This repository contains a collection of Jupyter notebooks for a workshop on Xarray and Xarray-simlab given in October 2022 at the GFZ Potsdam.
You can run the notebooks in your browser without installing anything thanks to binder. Just follow the link below or click on the "launch binder" badge above and it will launch remotely a new notebook server for you:
This service is for demo purpose only, do not rely on it for doing more serious work.
Docker images are built automatically for this repository. Those images provide the whole computing environment, pre-installed and pre-configured for running the notebooks. The only requirement is to have Docker installed on your machine. It is available on all platforms Linux/Windows/Mac and it can be installed from the Docker website or using one of your platform's package managers.
Run the command below in a terminal to first pull the latest image (note: the Docker application must be running, you might need to launch it first):
$ docker pull fastscape/workshop-potsdam-2022-10:latest
Then run the command below to start the Jupyterlab application from the Docker
container. Replace short-course-fastscape
by any other name you want to
give to your local container (optional). Also Replace
/path/to/local-notebook-folder
by the full path to the directory on your
machine where you want to create/copy, edit and permanently store notebooks for
this training course.
$ docker run \
-it \
--name short-course-fastscape \
-p 8888:8888 \
-v /path/to/local-notebook-folder:/home/jovyan/my-local-folder \
fastscape/workshop-potsdam-2022-10 \
jupyter lab --ip 0.0.0.0
You can then enter in your browser the url and token provided to start using the Jupyterlab application.

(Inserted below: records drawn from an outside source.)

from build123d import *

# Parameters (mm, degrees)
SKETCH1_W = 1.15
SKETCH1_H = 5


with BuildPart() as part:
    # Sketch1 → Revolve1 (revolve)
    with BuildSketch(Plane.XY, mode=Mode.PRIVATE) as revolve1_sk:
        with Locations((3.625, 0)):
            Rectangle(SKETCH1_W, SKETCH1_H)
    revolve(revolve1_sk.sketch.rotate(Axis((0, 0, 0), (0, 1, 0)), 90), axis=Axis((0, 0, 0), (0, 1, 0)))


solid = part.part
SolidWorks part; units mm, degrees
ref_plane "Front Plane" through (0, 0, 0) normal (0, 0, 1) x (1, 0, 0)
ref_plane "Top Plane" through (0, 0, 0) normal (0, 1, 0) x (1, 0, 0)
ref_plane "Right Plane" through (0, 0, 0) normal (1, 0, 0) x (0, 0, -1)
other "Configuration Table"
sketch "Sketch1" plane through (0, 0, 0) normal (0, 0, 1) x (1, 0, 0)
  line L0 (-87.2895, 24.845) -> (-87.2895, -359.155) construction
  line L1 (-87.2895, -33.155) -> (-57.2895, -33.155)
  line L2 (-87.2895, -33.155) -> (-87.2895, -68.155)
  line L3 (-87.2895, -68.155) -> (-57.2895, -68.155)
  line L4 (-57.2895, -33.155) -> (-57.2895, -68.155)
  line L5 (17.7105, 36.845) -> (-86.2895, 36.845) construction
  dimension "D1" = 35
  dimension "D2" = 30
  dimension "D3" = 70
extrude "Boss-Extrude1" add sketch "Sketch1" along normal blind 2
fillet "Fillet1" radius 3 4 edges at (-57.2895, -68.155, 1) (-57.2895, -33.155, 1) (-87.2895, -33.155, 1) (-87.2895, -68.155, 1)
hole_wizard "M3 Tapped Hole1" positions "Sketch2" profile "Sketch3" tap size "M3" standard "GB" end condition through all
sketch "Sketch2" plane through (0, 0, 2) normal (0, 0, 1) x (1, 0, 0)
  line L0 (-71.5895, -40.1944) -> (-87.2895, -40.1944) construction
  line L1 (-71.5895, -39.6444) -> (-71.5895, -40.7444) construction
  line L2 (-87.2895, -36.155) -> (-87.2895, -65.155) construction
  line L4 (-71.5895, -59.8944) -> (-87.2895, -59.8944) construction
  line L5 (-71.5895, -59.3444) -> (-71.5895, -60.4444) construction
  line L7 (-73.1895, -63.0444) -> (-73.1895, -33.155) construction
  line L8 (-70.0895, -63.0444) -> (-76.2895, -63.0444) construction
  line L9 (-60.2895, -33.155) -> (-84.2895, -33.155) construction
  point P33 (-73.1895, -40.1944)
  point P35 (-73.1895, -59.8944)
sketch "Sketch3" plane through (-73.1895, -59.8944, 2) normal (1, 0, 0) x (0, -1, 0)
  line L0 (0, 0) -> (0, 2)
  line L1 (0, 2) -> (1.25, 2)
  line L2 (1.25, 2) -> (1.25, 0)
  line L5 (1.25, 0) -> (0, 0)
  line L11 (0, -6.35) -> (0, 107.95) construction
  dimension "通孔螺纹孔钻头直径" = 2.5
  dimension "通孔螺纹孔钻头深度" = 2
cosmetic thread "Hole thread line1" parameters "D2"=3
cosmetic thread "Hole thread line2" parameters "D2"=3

You may want to copy the notebooks
folder in your local working folder mounted
in the docker container as my-local-folder
. Open a terminal in Jupyterlab and
run the following command:
$ cp -R notebooks my-local-folder/
When you are done you can stop and remove the container:
$ docker stop short-course-fastscape
$ docker rm short-course-fastscape
The url I entered in my browser doesn't point to Jupyterlab
You may already have another application running on localhost using the port
8888
. Try another port when running the docker run
command above, e.g.,
using -p 8889:8888
. You also need to change the port in the entered url
accordingly (e.g., localhost:8889
).
The url I entered in my browser gives a page asking for a token
Copy and paste the token given in the url. If the token is invalid, you may have another Jupyterlab application already running on your machine. Try using another port as described above.
Check Docker's documentation for additional command line help and options.
Assuming that you have git
and conda
installed, you can install all the packages required to run the notebooks in a
new conda environment using the following commands:
$ git clone https://github.com/fastscape-lem/workshop-potsdam-2022-10
$ cd workshop-potsdam-2022-10
$ conda env create -f environment.yml
$ conda activate workshop-potsdam-2022-10
Note: you could use mamba instead of
conda
. mamba
is a faster alternative to conda
.
Finally run the command below to start the Jupyterlab application. It should open a new tab in your browser.
$ jupyter lab
Your contribution is welcome! Your can do so by reporting issues, suggesting new notebook examples or improvements to the current examples.
A few extra steps are required to prepare your contributions. You can first update the conda environment using the following command:
$ conda env update -n workshop-potsdam-2022-10 --file environment-dev.yml
This installs a few additional packages like pre-commit, which is used to ensure that all notebook cell outputs are cleared before adding or updating notebooks in this git repository. Run the command below to enable pre-commit (you only need to do this once):
$ pre-commit install
The script below is useful if you want to ensure that all notebooks are running without error:
$ python execute_all_notebooks.py
This script (as well as a script to build the Docker image) is run each time you open or update a pull-request on GitHub.